Here’s a timely recipe from Dave “Pops” Masch:
Great Mates: Bluefish and Tomatoes!!
September and October are great months in the Northeast, with many crystal clear days, warm but with a slight cool snap in the air, a sign of things to come. The austerity of winter may be looming, but the cornucopia of harvest is upon us, from both the land and the sea. Sweet corn is at its sweetest, tomatoes are ripe and bursting with flavor, the fishing is at its best, and you can dig clams without freezing your tail. From this cornucopia come some of the meals I eagerly anticipate every year. For me there is a mutual affinity between fish, especially fried snapper blues and ripe tomatoes.
In late August, when the “snap” in the air first occurs, the “snapper blues” (young of the year bluefish, now 6 to 9 inches long) arrive in the harbors and inlets, feeding voraciously in anticipation of winter. You can sometimes catch them on almost every cast using a small spoon, fly, or attractor-and-fly rig.
I have been enjoying, in fact reveling in, pan-fried snappers with raw or sautéed tomatoes several times a week for over a month now, and so should you before it is too late, which it will be in a couple of weeks.
Snappers are a “snap” to clean. You merely take them in hand and make a diagonal cut behind the head and gill covers, cutting through the backbone, at which point you pull the head down, removing it from the body along with the entrails, and “Bob’s your uncle!” You have a perfect little delicacy to pan fry, ready to be coated with seasoned flour and tossed in the pan to achieve immortality.

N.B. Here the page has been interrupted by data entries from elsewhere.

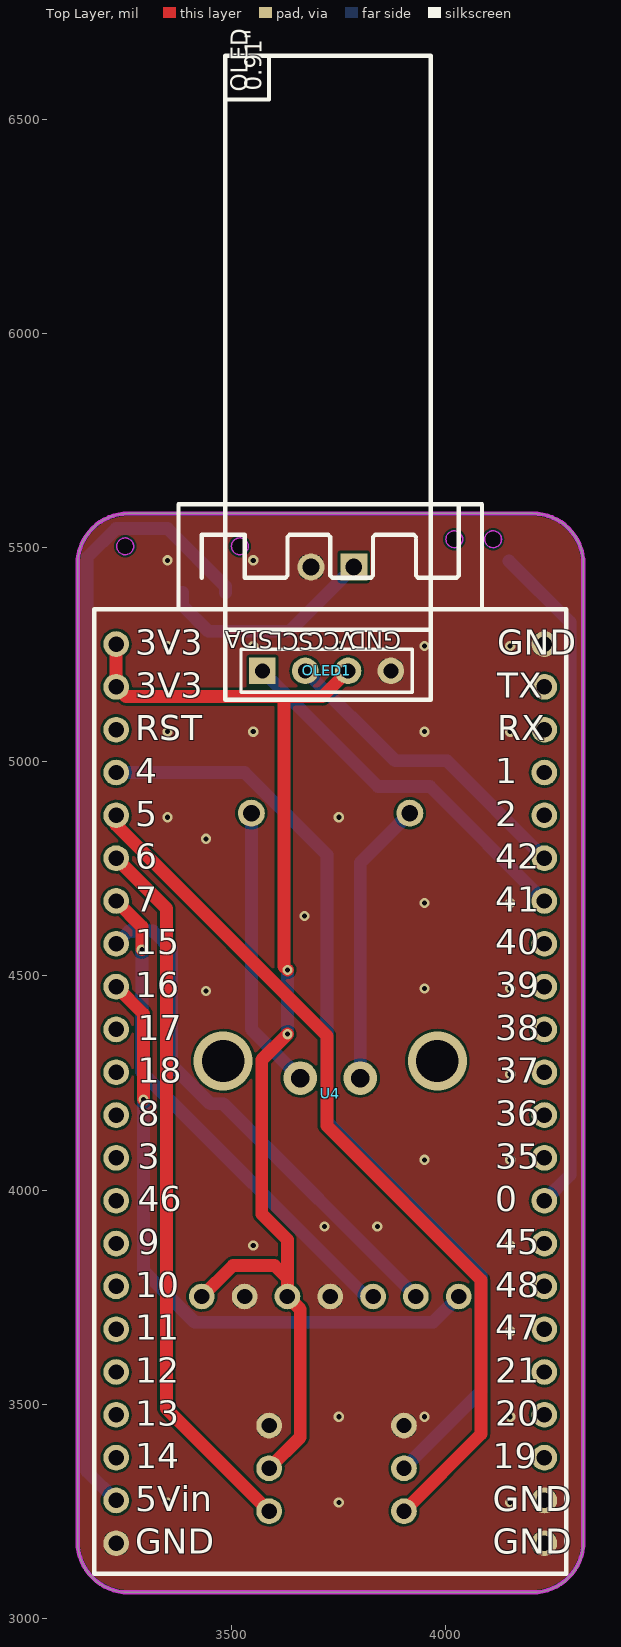
[diagram p0: Top Layer view]
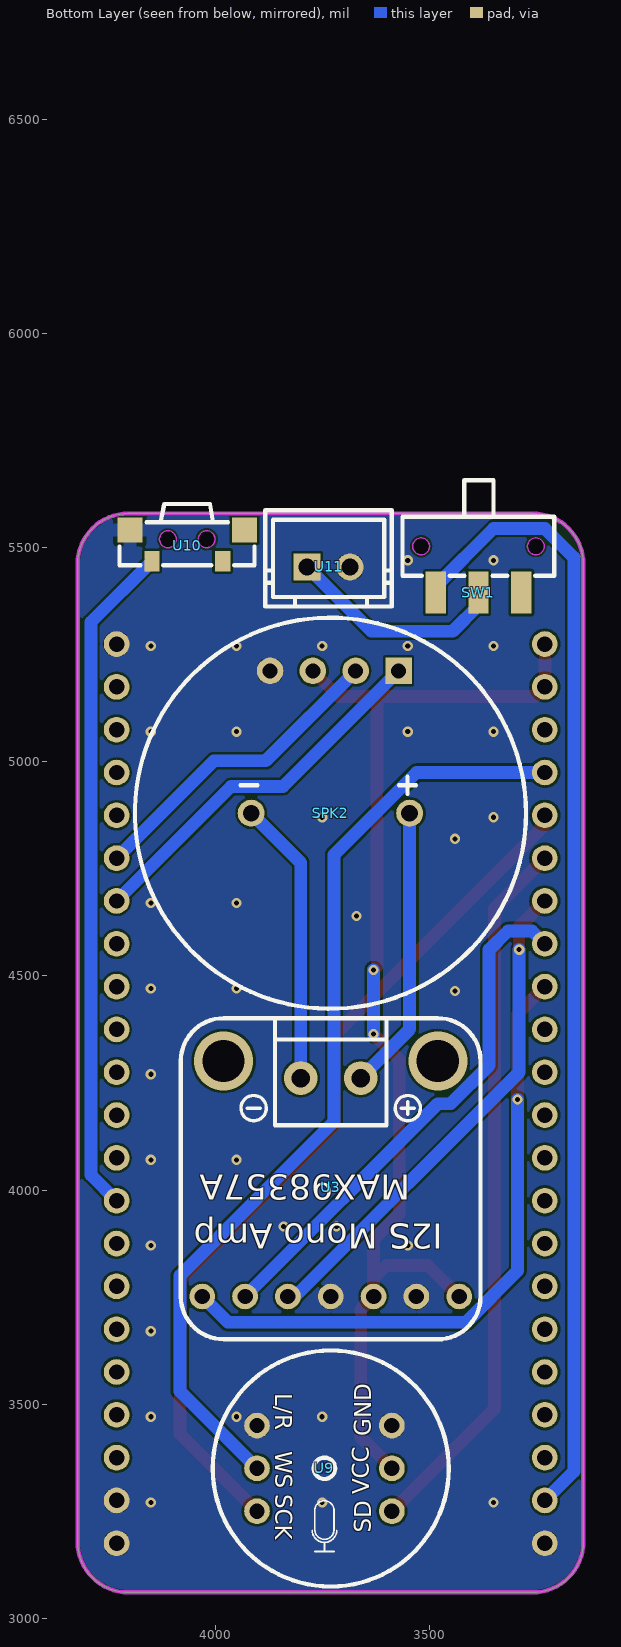
[diagram p1: Bottom Layer view, seen from below]
# Altium PCB MISC49945.pcbdoc
Units mil, origin at the board's own origin, x right, y up, seen from the top; angles counter-clockwise.
Board outline 1181.1 x 2519.68 mil, 2 copper layers (Top Layer, Bottom Layer), stack 62.206 mil thick; 8 components, 43 nets, 74 pads, 40 vias.

## Layer stack, top to bottom
Top Solder Mask Layer: solder mask 0.394, Dk 3.3
Top Layer: signal copper 1.379
Dielectric1: surface 59.449, FR4, Dk 4.5
Bottom Layer: signal copper 1.378
Bottom Solder Mask Layer: solder mask 0.394, Dk 3.3

## Board outline
3258.11,5580 ccw(c3258.11,5461.89) 3140,5461.89 3140,3178.43 ccw(c3258.11,3178.43) 3258.11,3060.32 4202.99,3060.32 ccw(c4202.99,3178.43) 4321.1,3178.43 4321.1,5461.89 ccw(c4202.99,5461.89) 4202.99,5580

## Design rules (kind name [scope] priority, off if disabled: settings)
BoardOutlineClearance Plane_Default_1 [All] p2 off: genericclearance=6 ignorepadtopadclearanceinfootprint=FALSE except(0: Arc-SplitContinuation Track-SplitContinuation SMDPad-SplitContinuation THPad-SplitContinuation Via-SplitContinuation Fill-SplitContinuation Region-SplitContinuation Poly-SplitContinuation Text-SplitContinuation Hole-SplitContinuation; 6: Arc-OutlineEdge Track-OutlineEdge SMDPad-OutlineEdge THPad-OutlineEdge Via-OutlineEdge Fill-OutlineEdge Region-OutlineEdge Poly-OutlineEdge Text-OutlineEdge Hole-OutlineEdge Arc-CutoutEdge Track-CutoutEdge SMDPad-CutoutEdge THPad-CutoutEdge Via-CutoutEdge Fill-CutoutEdge Region-CutoutEdge Poly-CutoutEdge Text-CutoutEdge Hole-CutoutEdge)
BoardOutlineClearance Copper_Default_1 [All] p4 off: genericclearance=6 ignorepadtopadclearanceinfootprint=FALSE except(0: Arc-SplitContinuation Track-SplitContinuation SMDPad-SplitContinuation THPad-SplitContinuation Via-SplitContinuation Fill-SplitContinuation Region-SplitContinuation Poly-SplitContinuation Text-SplitContinuation Hole-SplitContinuation; 6: Arc-OutlineEdge Track-OutlineEdge SMDPad-OutlineEdge THPad-OutlineEdge Via-OutlineEdge Fill-OutlineEdge Region-OutlineEdge Poly-OutlineEdge Text-OutlineEdge Hole-OutlineEdge Arc-CutoutEdge Track-CutoutEdge SMDPad-CutoutEdge THPad-CutoutEdge Via-CutoutEdge Fill-CutoutEdge Region-CutoutEdge Poly-CutoutEdge Text-CutoutEdge Hole-CutoutEdge)
BoardOutlineClearance Copper_gge24019_1 [All] p6 off: genericclearance=6 ignorepadtopadclearanceinfootprint=FALSE except(0: Arc-SplitContinuation Track-SplitContinuation SMDPad-SplitContinuation THPad-SplitContinuation Via-SplitContinuation Fill-SplitContinuation Region-SplitContinuation Poly-SplitContinuation Text-SplitContinuation Hole-SplitContinuation; 6: Arc-OutlineEdge Track-OutlineEdge SMDPad-OutlineEdge THPad-OutlineEdge Via-OutlineEdge Fill-OutlineEdge Region-OutlineEdge Text-OutlineEdge Hole-OutlineEdge Arc-CutoutEdge Track-CutoutEdge SMDPad-CutoutEdge THPad-CutoutEdge Via-CutoutEdge Fill-CutoutEdge Region-CutoutEdge Text-CutoutEdge Hole-CutoutEdge; 10: Poly-OutlineEdge Poly-CutoutEdge)
BoardOutlineClearance Default_1 [All] p8: genericclearance=6 ignorepadtopadclearanceinfootprint=FALSE except(0: Arc-SplitContinuation Track-SplitContinuation SMDPad-SplitContinuation THPad-SplitContinuation Via-SplitContinuation Fill-SplitContinuation Region-SplitContinuation Poly-SplitContinuation Text-SplitContinuation Hole-SplitContinuation; 6: Arc-OutlineEdge Track-OutlineEdge SMDPad-OutlineEdge THPad-OutlineEdge Via-OutlineEdge Fill-OutlineEdge Region-OutlineEdge Poly-OutlineEdge Text-OutlineEdge Hole-OutlineEdge Arc-CutoutEdge Track-CutoutEdge SMDPad-CutoutEdge THPad-CutoutEdge Via-CutoutEdge Fill-CutoutEdge Region-CutoutEdge Poly-CutoutEdge Text-CutoutEdge Hole-CutoutEdge)
Clearance Plane_Default [All] p1 off: gap=6 ignorepadtopadclearanceinfootprint=FALSE
Clearance Copper_Default [All] p3 off: gap=6 ignorepadtopadclearanceinfootprint=FALSE
Clearance Copper_gge24019 [All] p5 off: gap=6 ignorepadtopadclearanceinfootprint=FALSE except(10: Poly-Track Poly-SMDPad Poly-THPad Poly-Via Poly-Fill Poly-Region Poly-Poly Poly-Arc Poly-Text Poly-Hole)
Clearance Default [All] p7: gap=6 ignorepadtopadclearanceinfootprint=FALSE
DiffPairsRouting differentialPair [All] p1: maxlimit=6 minlimit=6 mostfreqgap=6 toplayer_minwidth=5 toplayer_prefwidth=10 toplayer_maxwidth=100 toplayer_mingap=6 toplayer_prefgap=6 toplayer_maxgap=6 bottomlayer_minwidth=5 bottomlayer_prefwidth=10 bottomlayer_maxwidth=100 bottomlayer_mingap=6 bottomlayer_prefgap=6 bottomlayer_maxgap=6 maxuncoupledlength=10
HoleToHoleClearance otherClearance [All] p1: gap=11.8 allowstackedmicrovias=TRUE
Length netLength [All] p1: minlimit=0 maxlimit=0
PasteMaskExpansion Common [All] p1: expansion=0
PlaneConnect Default_4 [All] p1: planeconnectstyle=Relief reliefexpansion=20 reliefentries=4 reliefconductorwidth=0 reliefairgap=10
PolygonConnect gge24019 [All] p1 off: connectstyle=Relief reliefconductorwidth=0 reliefentries=4 polygonreliefangle="90 Angle" airgapwidth=1 smdpad.connectstyle=Relief smdpad.reliefconductorwidth=0 smdpad.reliefentries=4 smdpad.polygonreliefangle="90 Angle" smdpad.airgapwidth=10 via.connectstyle=Relief via.reliefconductorwidth=10 via.reliefentries=4 via.polygonreliefangle="90 Angle" via.airgapwidth=10
PolygonConnect Default_5 [All] p2: connectstyle=Relief reliefconductorwidth=0 reliefentries=4 polygonreliefangle="90 Angle" airgapwidth=1 smdpad.connectstyle=Relief smdpad.reliefconductorwidth=0 smdpad.reliefentries=4 smdpad.polygonreliefangle="90 Angle" smdpad.airgapwidth=10 via.connectstyle=Relief via.reliefconductorwidth=10 via.reliefentries=4 via.polygonreliefangle="90 Angle" via.airgapwidth=10
RoutingVias Default_3 [All] p1: holewidth=12 width=24 viastyle="Through Hole" minholewidth=12 minwidth=24 maxholewidth=2362 maxwidth=3938
SolderMaskExpansion Common_1 [IsVia] p1: expansion=-1000 istentingtop=TRUE
SolderMaskExpansion Common_1 [All] p2: expansion=2 istentingtop=FALSE
Width Default_2 [All] p1: maxlimit=1000 minlimit=10 preferedwidth=30

## Components (designator, comment, footprint, x,y, rotation, side; value= is the part's Value field where it differs from the comment)
OLED1 "OLED0.91or0.96" OLED0.91 3485,5145 r90 top
SPK2 "FS-2308" BEEP-TH_BD23.2-P9.20-D1.0 3730.73,4880 r180 bottom
SW1 "SSSS211603" SW-SMD_SSSS211603 3385,5395 r180 bottom
U3 "Adafruit MAX98357 I2S Amp" "MAX98357 I2S AMP MODULE" 3730,3751.3 r90 bottom
U4 "NO" ESP32S3 3730,4230 r0 top
U9 "INMP441" INMP441 3744.7,3350 r180 bottom
U10 "GT-TC054A-H038-L1" SW-SMD_L7.8-W3.5-P4.20-EH 4065,5505 r180 bottom
U11 "_x001F_XH2.54-2P" CONN-TH_2P-P2.54-V 3735,5455 r180 bottom

## Footprints (in the part's own frame and the unit in brackets; to place one, negate y for a bottom-side part, rotate by r counter-clockwise, add the part's x,y. Pads: shape width x height; smd on the part's side, far side on the other; paste and mask are expansions set on the pad)
BEEP-TH_BD23.2-P9.20-D1.0 [mm]
  round 1.6 hole 1: 1(4.7,0) 2(-4.7,0)
  silkscreen extent -11.6,-11.6 11.6,11.6
CONN-TH_2P-P2.54-V [mm]
  rect 1.6x1.6 hole 1: 1(-1.27,0)
  round 1.6 hole 1: 2(1.27,0)
  silkscreen extent -3.75,-2.34 3.75,3.36
ESP32S3 [mil]
  round 60 hole 36: 1(-500,-1055) 2(-500,-955) 3(-500,-855) 4(-500,-755) 5(-500,-655) 6(-500,-555) 7(-500,-455) 8(-500,-355) 9(-500,-255) 10(-500,-155) 11(-500,-55) 12(-500,45) 13(-500,145) 14(-500,245) 15(-500,345) 16(-500,445) 17(-500,545) 18(-500,645) 19(-500,745) 20(-500,845) 21(-500,945) 22(-500,1045) 23(500,-1055) 24(500,-955) 25(500,-855) 26(500,-755) 27(500,-655) 28(500,-555) 29(500,-455) 30(500,-355) 31(500,-255) 32(500,-155) 33(500,-55) 34(500,45) 35(500,145) 36(500,245) 37(500,345) 38(500,445) 39(500,545) 40(500,645) 41(500,745) 42(500,845) 43(500,945) 44(500,1045)
  silkscreen extent -551,-1126 551,1371
INMP441 [mil]
  round 60 hole 36: 1(157.47,100) 2(157.47,0) 3(157.47,-100) 4(-157.49,100) 5(-157.49,0) 6(-157.49,-100)
  silkscreen extent -261,-276 290,275
"MAX98357 I2S AMP MODULE" [mil]
  round 60 hole 36: 1(0,300) 2(0,200) 3(0,100) 4(0,0) 5(0,-100) 6(0,-200) 7(0,-300)
  round 78.74 hole 43.31 paste+0 mask+4: 8(510,-70) 9(510,70)
  silkscreen extent -100,-350 650,350
OLED0.91 [mil]
  rect 62x62 hole 35 copper offset 0.04,-0.03 paste+0 mask+4: 1(67.32,-86.61)
  round 62 hole 35 copper offset 0.04,-0.03 paste+0 mask+4: 2(67.32,-186.61) 3(67.32,-286.61) 4(67.32,-386.61)
  silkscreen extent 0,-480 1504,0
SW-SMD_L7.8-W3.5-P4.20-EH [mm]
  rect 0.9x1.2 smd: 1(-2.1,-0.925) 2(2.1,-0.925)
  rect 1.5x1.5 smd: 3(-3.4,0.925) 4(3.4,0.925)
  Board Outline Layer circle w0.003: c1.15,0.375 r0.5
  Board Outline Layer circle w0.003: c-1.15,0.375 r0.5
  Board Outline Layer region: 0.65,0.375 0.7,0.158 0.838,-0.016 1.039,-0.112 1.261,-0.112 1.462,-0.016 1.601,0.158 1.65,0.375 1.65,0.375 1.601,0.592 1.462,0.766 1.261,0.862 1.039,0.862 0.838,0.766 0.7,0.592 0.65,0.375
  Board Outline Layer region: 0.65,0.375 0.66,0.277 0.688,0.184 0.734,0.097 0.797,0.021 0.872,-0.041 0.959,-0.087 1.053,-0.115 1.15,-0.125 1.248,-0.115 1.341,-0.087 1.428,-0.041 1.504,0.021 1.566,0.097 1.612,0.184 1.641,0.277 1.65,0.375 1.641,0.473 1.612,0.566 1.566,0.653 1.504,0.729 1.428,0.791 1.341,0.837 1.248,0.865 1.15,0.875 1.053,0.865 0.959,0.837 0.872,0.791 0.797,0.729 0.734,0.653 0.688,0.566 0.66,0.473
  Board Outline Layer region: -1.65,0.375 -1.601,0.158 -1.462,-0.016 -1.261,-0.112 -1.039,-0.112 -0.838,-0.016 -0.7,0.158 -0.65,0.375 -0.65,0.375 -0.7,0.592 -0.838,0.766 -1.039,0.862 -1.261,0.862 -1.462,0.766 -1.601,0.592 -1.65,0.375
  Board Outline Layer region: -1.65,0.375 -1.641,0.277 -1.612,0.184 -1.566,0.097 -1.504,0.021 -1.428,-0.041 -1.341,-0.087 -1.248,-0.115 -1.15,-0.125 -1.053,-0.115 -0.959,-0.087 -0.872,-0.041 -0.797,0.021 -0.734,0.097 -0.688,0.184 -0.66,0.277 -0.65,0.375 -0.66,0.473 -0.688,0.566 -0.734,0.653 -0.797,0.729 -0.872,0.791 -0.959,0.837 -1.053,0.865 -1.15,0.875 -1.248,0.865 -1.341,0.837 -1.428,0.791 -1.504,0.729 -1.566,0.653 -1.612,0.566 -1.641,0.473
  Multi-Layer board cut-out: 0.65,0.375 0.7,0.158 0.838,-0.016 1.039,-0.112 1.261,-0.112 1.462,-0.016 1.601,0.158 1.65,0.375 1.65,0.375 1.601,0.592 1.462,0.766 1.261,0.862 1.039,0.862 0.838,0.766 0.7,0.592 0.65,0.375
  Multi-Layer board cut-out: -1.65,0.375 -1.601,0.158 -1.462,-0.016 -1.261,-0.112 -1.039,-0.112 -0.838,-0.016 -0.7,0.158 -0.65,0.375 -0.65,0.375 -0.7,0.592 -0.838,0.766 -1.039,0.862 -1.261,0.862 -1.462,0.766 -1.601,0.592 -1.65,0.375
  silkscreen extent -4.02,-1.16 3.98,2.46
SW-SMD_SSSS211603 [mm]
  rect 1.2x2.5 smd: 1(-2.54,0) 2(0,0) 3(2.54,0)
  Board Outline Layer circle w0.003: c-3.401,2.75 r0.5
  Board Outline Layer circle w0.003: c3.401,2.75 r0.5
  Board Outline Layer region: -3.901,2.75 -3.852,2.533 -3.713,2.359 -3.512,2.263 -3.29,2.263 -3.089,2.359 -2.951,2.533 -2.901,2.75 -2.901,2.75 -2.951,2.967 -3.089,3.141 -3.29,3.238 -3.512,3.238 -3.713,3.141 -3.852,2.967 -3.901,2.75
  Board Outline Layer region: -3.901,2.75 -3.891,2.653 -3.863,2.559 -3.817,2.472 -3.755,2.397 -3.679,2.334 -3.592,2.288 -3.499,2.26 -3.401,2.25 -3.304,2.26 -3.21,2.288 -3.123,2.334 -3.048,2.397 -2.985,2.472 -2.939,2.559 -2.911,2.653 -2.901,2.75 -2.911,2.848 -2.939,2.941 -2.985,3.028 -3.048,3.104 -3.123,3.166 -3.21,3.212 -3.304,3.24 -3.401,3.25 -3.499,3.24 -3.592,3.212 -3.679,3.166 -3.755,3.104 -3.817,3.028 -3.863,2.941 -3.891,2.848
  Board Outline Layer region: 2.901,2.75 2.951,2.533 3.089,2.359 3.29,2.263 3.512,2.263 3.713,2.359 3.852,2.533 3.901,2.75 3.901,2.75 3.852,2.967 3.713,3.141 3.512,3.238 3.29,3.238 3.089,3.141 2.951,2.967 2.901,2.75
  Board Outline Layer region: 2.901,2.75 2.911,2.653 2.939,2.559 2.985,2.472 3.048,2.397 3.123,2.334 3.21,2.288 3.304,2.26 3.401,2.25 3.499,2.26 3.592,2.288 3.679,2.334 3.755,2.397 3.817,2.472 3.863,2.559 3.891,2.653 3.901,2.75 3.891,2.848 3.863,2.941 3.817,3.028 3.755,3.104 3.679,3.166 3.592,3.212 3.499,3.24 3.401,3.25 3.304,3.24 3.21,3.212 3.123,3.166 3.048,3.104 2.985,3.028 2.939,2.941 2.911,2.848
  Multi-Layer board cut-out: -3.901,2.75 -3.852,2.533 -3.713,2.359 -3.512,2.263 -3.29,2.263 -3.089,2.359 -2.951,2.533 -2.901,2.75 -2.901,2.75 -2.951,2.967 -3.089,3.141 -3.29,3.238 -3.512,3.238 -3.713,3.141 -3.852,2.967 -3.901,2.75
  Multi-Layer board cut-out: 2.901,2.75 2.951,2.533 3.089,2.359 3.29,2.263 3.512,2.263 3.713,2.359 3.852,2.533 3.901,2.75 3.901,2.75 3.852,2.967 3.713,3.141 3.512,3.238 3.29,3.238 3.089,3.141 2.951,2.967 2.901,2.75
  silkscreen extent -4.5,1 4.5,6.67

## Via types
v1: diameter 24, hole 12, Top Layer to Bottom Layer, 33 vias
v2: diameter 24.02, hole 12, Top Layer to Bottom Layer, 5 vias
v3: diameter 137.8, hole 98.4, Top Layer to Bottom Layer, 2 vias

## Nets (pads, with @x,y where several pads share a name; then routed paths per layer and width w, separated by ;. In a path a pad name is that pad's centre, name@x,y a point inside that pad or via, vN(x,y) a via of type N, cw(c..) or ccw(c..) an arc to the next point about the centre after c; other vN are vias at no path point)
0: U4.31 U10.1 | length 1577.4
  Bottom Layer w30: U10.1 4290,5326.27 4290,4035 U4.31
1: U4.41
2: U4.40
3: U4.10
3.3V: OLED1.3 U3.5 U3.7 U4.21 U4.22 U9.2 | length 2816.5
  Top Layer w30: U4.22 U4.21 3252.64,5152.36 3621.64,5152.36 ; U3.7 3502.7,3824 3600,3824 3630,3794 ; U9.2 3660,3422.78 3660,3721.3 U3.5 3630,3794 ; v1(3630,4364) 3570,4304 3570,3944 3630,3884 3630,3794 ; v1(3630,4514) 3621.64,4522.36 3621.64,5152.36 ; OLED1.3@3771.64,5212.36 3711.64,5152.36 3621.64,5152.36
  Bottom Layer w30: v1(3630,4364) v1(3630,4514)
4: U4.19 U9.5 | length 2228.3
  Bottom Layer w30: U4.19 3530,4975 3722.18,4782.82 3722.18,4160 4082.18,3800 4082.18,3530 U9.5
5: U4.18 U9.6 | length 2052.5
  Top Layer w30: U4.18 3230,4852.18 3722.18,4360 3722.18,4150 4082.18,3790 4082.18,3430 U9.6
5V-VIN: SW1.1 U4.2 | length 2652.1
  Bottom Layer w30: U4.2 3162.22,3342.78 3162.22,5477.22 3230,5545 3350,5545 3485,5410 SW1.1
6: U4.17 U9.3 | length 1673
  Top Layer w30: U4.17 3347.22,4657.78 3347.22,3490 U9.3
7: U3.3 U4.16 | length 1181.8
  Top Layer w30: U4.16 3290,4615 v1(3290,4561.31)
  Bottom Layer w30: v1(3290,4561.31) 3290,4275 3813.7,3751.3 U3.3
8: U4.11
9: U4.8
10: U4.7
11: U4.6
12: U4.5
13: U4.4
14: U4.3
15: U3.2 U4.15 | length 1224.2
  Bottom Layer w30: U4.15 3260,4605 3316.3,4605 3360,4561.31 3360,4291.31 3450,4201.31 3480,4201.31 U3.2
16: U3.1 U4.14 | length 1500.9
  Top Layer w30: U4.14 3293.7,4411.31 v1(3293.7,4211.31)
  Bottom Layer w30: v1(3293.7,4211.31) 3293.7,3811.3 3413.7,3691.3 3970,3691.3 U3.1
17: U4.13
18: U4.12
19: U4.25
20: U4.26
21: U4.27
35: U4.32
36: U4.33
37: U4.34
38: U4.35
39: U4.36
40: U4.37
41: OLED1.1 U4.38 | length 880.9
  Bottom Layer w30: OLED1.1@3571.64,5212.36 3841.64,4942.36 3962.64,4942.36 U4.38
42: OLED1.2 U4.39 | length 739.5
  Bottom Layer w30: OLED1.2@3671.64,5212.36 3881.64,5002.36 4002.64,5002.36 U4.39
45: U4.30
46: U4.9
47: U4.28
48: U4.29
$1N2378: SW1.2 U11.1 | length 517
  Bottom Layer w30: SW1.2 3385,5365 3445,5305 3635,5305 U11.1
GND: OLED1.4 U3.4 U3.6 U4.1 U4.23 U4.24 U4.44 U9.1 U9.4 U10.3 U11.2
  other v1: 3350.1,3270.41 3750.1,3270.41 4150.1,3270.41 3750.1,3470.41 3950.1,3470.41 4150.1,3470.41 4150.1,3670.41 3550.1,3870.41 4150.1,3870.41 3950.1,4070.41 4150.1,4070.41 4150.1,4270.41 3950.1,4470.41 4150.1,4470.41 3950.1,4670.41 4150.1,4670.41 3350.1,4870.41 3750.1,4870.41 3350.1,5070.41 3550.1,5070.41 3950.1,5070.41 4150.1,5070.41 3350.1,5270.41 3550.1,5270.41 3750.1,5270.41 3950.1,5270.41 4150.1,5270.41 3350.1,5470.41 3550.1,5470.41
  other v2: 3716.38,3915 3840,3915 3440,4464.68 3670,4640 3440,4820
RST: U4.20
RX: U4.42
SPEAKER+: SPK2.1 U3.8 | length 666
  Bottom Layer w30: SPK2.1 3545.69,4375.61 U3.8
SPEAKER-: SPK2.2 U3.9 | length 666.6
  Bottom Layer w30: U3.9 3800,4764.23 SPK2.2
TX: U4.43
pads on no net: SW1.3 U10.2 U10.4
copper on no net:
  other v3: 3480,4301.31 3980,4301.31

## Polygon pours and split planes (outlines as drawn)
GND on Bottom Layer (solid, remove dead copper, pour order 2): 3000,5705 3000,3020 4505,3020 4505,5705
GND on Top Layer (solid, remove dead copper, pour order 0): 3030,5630 3030,3000 4465,3000 4465,5630

## Keep-outs
Board Outline Layer:
  the board outline again, w10

Seasoned Flour for 8 Snappers
½ cup of all-purpose flour
1 tsp. salt
½ tsp. freshly ground pepper
¼ tsp. cayenne (optional, necessary for me)
Put this mixture, or one of your own devising (I often use half flour and half cornmeal or cornflower) into a plastic bag, toss in four fish and shake the bag until they are coated. Remove and cook in hot oil over medium heat until nicely brown and crisp on both sides and keep warm in a 175-degree oven as you fry the next batch. I usually use peanut oil, canola oil also works fine, and butter is delicious but you must watch it carefully to keep it from burning.
I often cut a couple of medium-sized tomatoes in half, dip the cut edges in the seasoned flour left over from coating the fish, and sauté them in the same pan with the fish, either simultaneously or after the fish are done and keeping warm in the oven. When the breading on the tomatoes is nicely browned, I turn them over for a short time to cook through.
Serve this combination with a glass of orange juice, a piece of toast and a cup of coffee, and you will be set to take on the day that unfortunately probably won’t get any better than breakfast. But who knows, you might get lucky.